Failure to Protect Residents from Abuse and Timely Reporting of Incidents
Penalty
Summary
The facility failed to ensure residents were protected from abuse, neglect, misappropriation of property, and exploitation, as evidenced by multiple incidents involving resident-to-resident altercations. Several residents with cognitive impairments and behavioral health diagnoses were involved in physical altercations, resulting in injuries such as a non-displaced nose fracture and a lumbar vertebral fracture. Documentation revealed that one resident was hit in the back by another, another was punched in the face, and another was pushed to the ground, all occurring within a short time frame. Additionally, a resident was grabbed, pulled, and scratched by another resident, leaving visible marks. The facility's records and staff interviews indicated that there were lapses in timely reporting and investigation of these incidents. The Administrator was unaware of the requirement to report abuse within two hours and did not report certain altercations to the state agency, believing that no injury had occurred. There was also a lack of comprehensive care planning for some residents, and staff did not consistently notify supervisory personnel of altercations as required. In some cases, the facility did not complete or document required assessments and care plans for residents involved in these incidents. Interviews with staff and review of documentation showed that staff responses to altercations varied, with some staff intervening and notifying supervisors, while others did not follow established protocols. The facility's failure to protect residents from abuse and neglect, as well as the lack of timely and appropriate reporting and investigation, led to the identification of Immediate Jeopardy.

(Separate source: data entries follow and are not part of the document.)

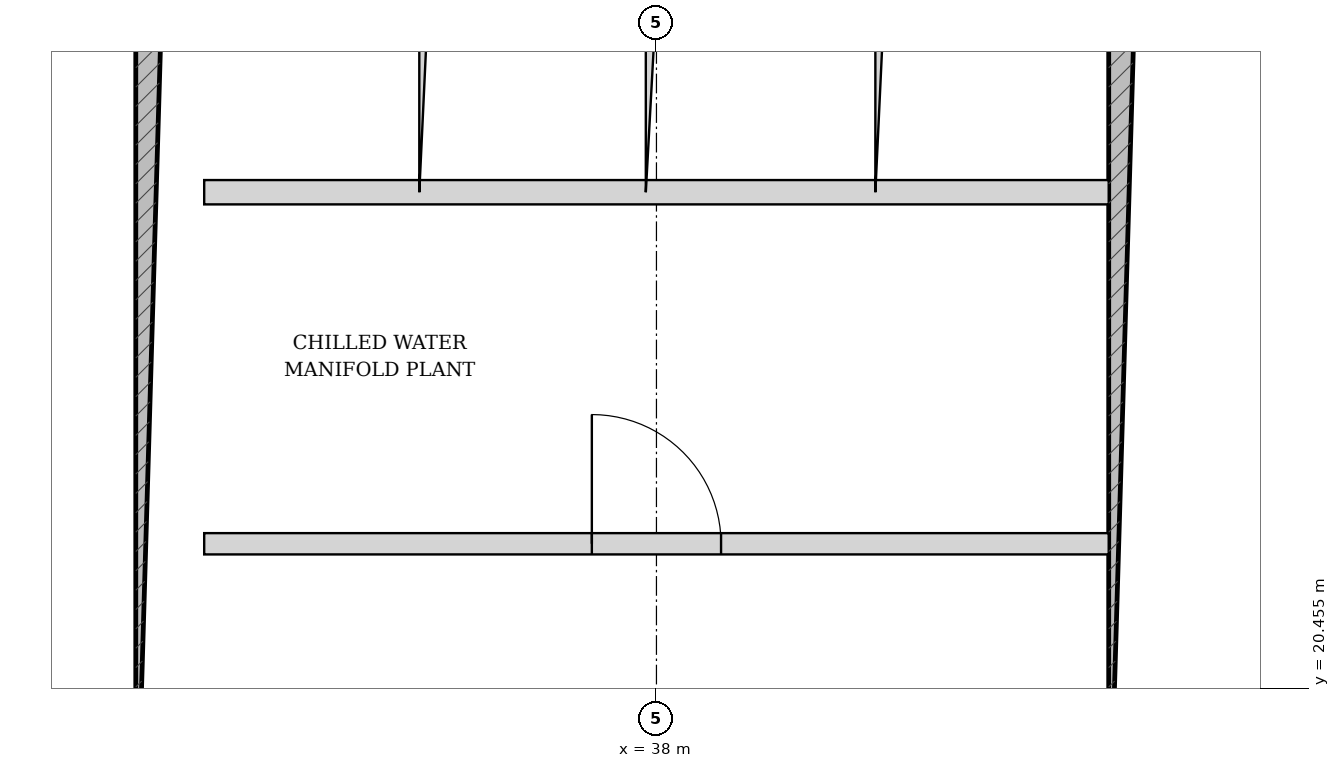
"""IFC4 building model, lengths in metres.
Left out: names, types, materials, properties, quantities, classifications, styles, units other than length and angle.
Written with IfcOpenShell. Run it as: python <this file> out.ifc"""

import sys

from ifc_helpers import new_model, si_unit, direction, frame, frame_2d, origin, place, context, subcontext, project, spatial, rectangle, extrude, source, transform, mapped, element, fill, save


model = new_model("IFC4")
c1 = context("Model", 3, precision=1e-05, world=origin(), true_north=direction((-0.2419218956, 0.970295726276)))
c2 = subcontext(c1, "Body", "Model", "MODEL_VIEW")
j1 = project(units=[si_unit("LENGTHUNIT", "METRE"), si_unit("PLANEANGLEUNIT", "RADIAN")], contexts=[c1])
p1 = place(None, origin())
s1 = spatial("IfcSite", under=j1, at=p1, CompositionType="ELEMENT")
p2 = place(p1, origin())
s2 = spatial("IfcBuilding", under=s1, at=p2, CompositionType="ELEMENT")
p3 = place(p2, frame((0.0, 0.0, 123.0)))
s3 = spatial("IfcBuildingStorey", under=s2, at=p3, CompositionType="ELEMENT", Elevation=123.0)
p4 = place(p3, frame((34.8, 19.175, 0.0), z_axis=(0.0, 0.0, 1.0), x_axis=(0.0, 1.0, 0.0)))
e1 = element("IfcWall", 1, at=p4, inside=s3, PredefinedType="SHEAR", context=c2, shape_type="SweptSolid", body=[
    extrude(rectangle(XDim=15.25, YDim=0.45, at=frame_2d((7.625, 0.0))), origin(), (0.0, 0.0, 1.0), 3.325),
])
p5 = place(p4, frame((7.8, 0.0, 0.0)))
e2 = element("IfcOpeningElement", 2, at=p5, cuts=e1, PredefinedType="OPENING", context=c2, shape_type="SweptSolid", body=[
    extrude(rectangle(XDim=1.05, YDim=2.15, at=frame_2d((0.525, 1.075))), frame((0.0, 0.235, 0.0), z_axis=(0.0, -1.0, 0.0), x_axis=(1.0, 0.0, 0.0)), (0.0, 0.0, 1.0), 0.47),
])
p6 = place(p3, frame((41.2, 19.175, 0.0), z_axis=(0.0, 0.0, 1.0), x_axis=(0.0, 1.0, 0.0)))
e3 = element("IfcWall", 3, at=p6, inside=s3, PredefinedType="SHEAR", context=c2, shape_type="SweptSolid", body=[
    extrude(rectangle(XDim=15.25, YDim=0.45, at=frame_2d((7.625, 0.0))), origin(), (0.0, 0.0, 1.0), 3.325),
])
p7 = place(p6, frame((7.8, 0.0, 0.0)))
e4 = element("IfcOpeningElement", 4, at=p7, cuts=e3, PredefinedType="OPENING", context=c2, shape_type="SweptSolid", body=[
    extrude(rectangle(XDim=1.05, YDim=2.15, at=frame_2d((0.525, 1.075))), frame((0.0, 0.235, 0.0), z_axis=(0.0, -1.0, 0.0), x_axis=(1.0, 0.0, 0.0)), (0.0, 0.0, 1.0), 0.47),
])
p8 = place(p3, frame((35.025, 23.72, 0.0), z_axis=(0.0, 0.0, 1.0), x_axis=(1.0, 0.0, 0.0)))
e5 = element("IfcWall", 5, at=p8, inside=s3, PredefinedType="PARTITIONING", context=c2, shape_type="SweptSolid", body=[
    extrude(rectangle(XDim=5.95, YDim=0.16, at=frame_2d((2.975, 0.0))), origin(), (0.0, 0.0, 1.0), 3.325),
])
p9 = place(p3, frame((36.5, 23.72, 0.0), z_axis=(0.0, 0.0, 1.0), x_axis=(0.0, 1.0, 0.0)))
e6 = element("IfcWall", 6, at=p9, inside=s3, PredefinedType="PARTITIONING", context=c2, shape_type="SweptSolid", body=[
    extrude(rectangle(XDim=2.56, YDim=0.12, at=frame_2d((1.28, 0.0))), origin(), (0.0, 0.0, 1.0), 3.325),
])
p10 = place(p3, frame((38.0, 23.72, 0.0), z_axis=(0.0, 0.0, 1.0), x_axis=(0.0, 1.0, 0.0)))
e7 = element("IfcWall", 7, at=p10, inside=s3, PredefinedType="PARTITIONING", context=c2, shape_type="SweptSolid", body=[
    extrude(rectangle(XDim=2.56, YDim=0.14, at=frame_2d((1.28, 0.0))), origin(), (0.0, 0.0, 1.0), 3.325),
])
p11 = place(p3, frame((39.5, 23.72, 0.0), z_axis=(0.0, 0.0, 1.0), x_axis=(0.0, 1.0, 0.0)))
e8 = element("IfcWall", 8, at=p11, inside=s3, PredefinedType="PARTITIONING", context=c2, shape_type="SweptSolid", body=[
    extrude(rectangle(XDim=2.56, YDim=0.12, at=frame_2d((1.28, 0.0))), origin(), (0.0, 0.0, 1.0), 3.325),
])
p12 = place(p3, frame((35.025, 21.407, 0.0), z_axis=(0.0, 0.0, 1.0), x_axis=(1.0, 0.0, 0.0)))
e9 = element("IfcWall", 9, at=p12, inside=s3, PredefinedType="PARTITIONING", context=c2, shape_type="SweptSolid", body=[
    extrude(rectangle(XDim=5.95, YDim=0.14, at=frame_2d((2.975, 0.0))), origin(), (0.0, 0.0, 1.0), 3.325),
])
p13 = place(p12, frame((2.55, 0.0, 0.0)))
e10 = element("IfcOpeningElement", 10, at=p13, cuts=e9, PredefinedType="OPENING", context=c2, shape_type="SweptSolid", body=[
    extrude(rectangle(XDim=0.85, YDim=2.1, at=frame_2d((0.425, 1.05))), frame((0.0, 0.08, 0.0), z_axis=(0.0, -1.0, 0.0), x_axis=(1.0, 0.0, 0.0)), (0.0, 0.0, 1.0), 0.16),
])
m1 = source(origin(), c2, "Body", "SweptSolid", [
    extrude(rectangle(XDim=0.85, YDim=2.1, at=frame_2d((0.425, 1.05))), frame((0.0, 0.025, 0.0), z_axis=(0.0, -1.0, 0.0), x_axis=(1.0, 0.0, 0.0)), (0.0, 0.0, 1.0), 0.05),
])
p14 = place(p13, origin())
e11 = element("IfcDoor", 11, at=p14, inside=s3, OperationType="SINGLE_SWING_LEFT", PredefinedType="DOOR", context=c2, shape_type="MappedRepresentation", body=[
    mapped(m1, transform((0.0, 0.0, 0.0), scale=1.0)),
])
fill(e10, e11)
save(model, sys.argv[1])

The deficiencies placed residents at risk for continued abuse and negative psychosocial outcomes.
Removal Plan
- Residents were separated from each other and monitored until no further aggressive behaviors were demonstrated.
- Resident #5, #2, and #1 were referred to behavioral unit for inpatient treatment.
- Resident #2 was sent to ER for evaluation and treatment.
- Prior to being admitted to inpatient behavior hospital, #2 & #1 were sent to ER for evaluation and treatment.
- Regional Director of Operations educated Administrator and DON on types of abuse and policy to keep all residents free from abuse and neglect.
- All staff will be re-educated on the facility's Abuse/Neglect Policy by DON, Administrator, department supervisors and nurse manager including identification, prevention, and mandatory reporting requirements.
- In-services will continue; all staff must be in-serviced before starting their shift.
- Documentation of re-education and staff signatures will be completed; all staff will be in-serviced before starting their shift.
- Staff were instructed to immediately intervene and report any signs of resident-to-resident aggression or abuse to the Administrator and DON immediately.
- Department heads started safety survey assessments and will have all safety survey assessments completed on all residents that could give a response at north nurse's station.
- Secured unit charge nurse contacting family members of residents on secured unit to complete safety survey for residents that have impaired cognition.
- Administrator will hold Resident council meeting to discuss abuse/neglect for residents that would like to attend.
- All residents that did not attend resident council will be talked to individually by department heads and family will be contacted for residents that have impaired cognition.
- Medical director notified of Immediate Jeopardy in facility.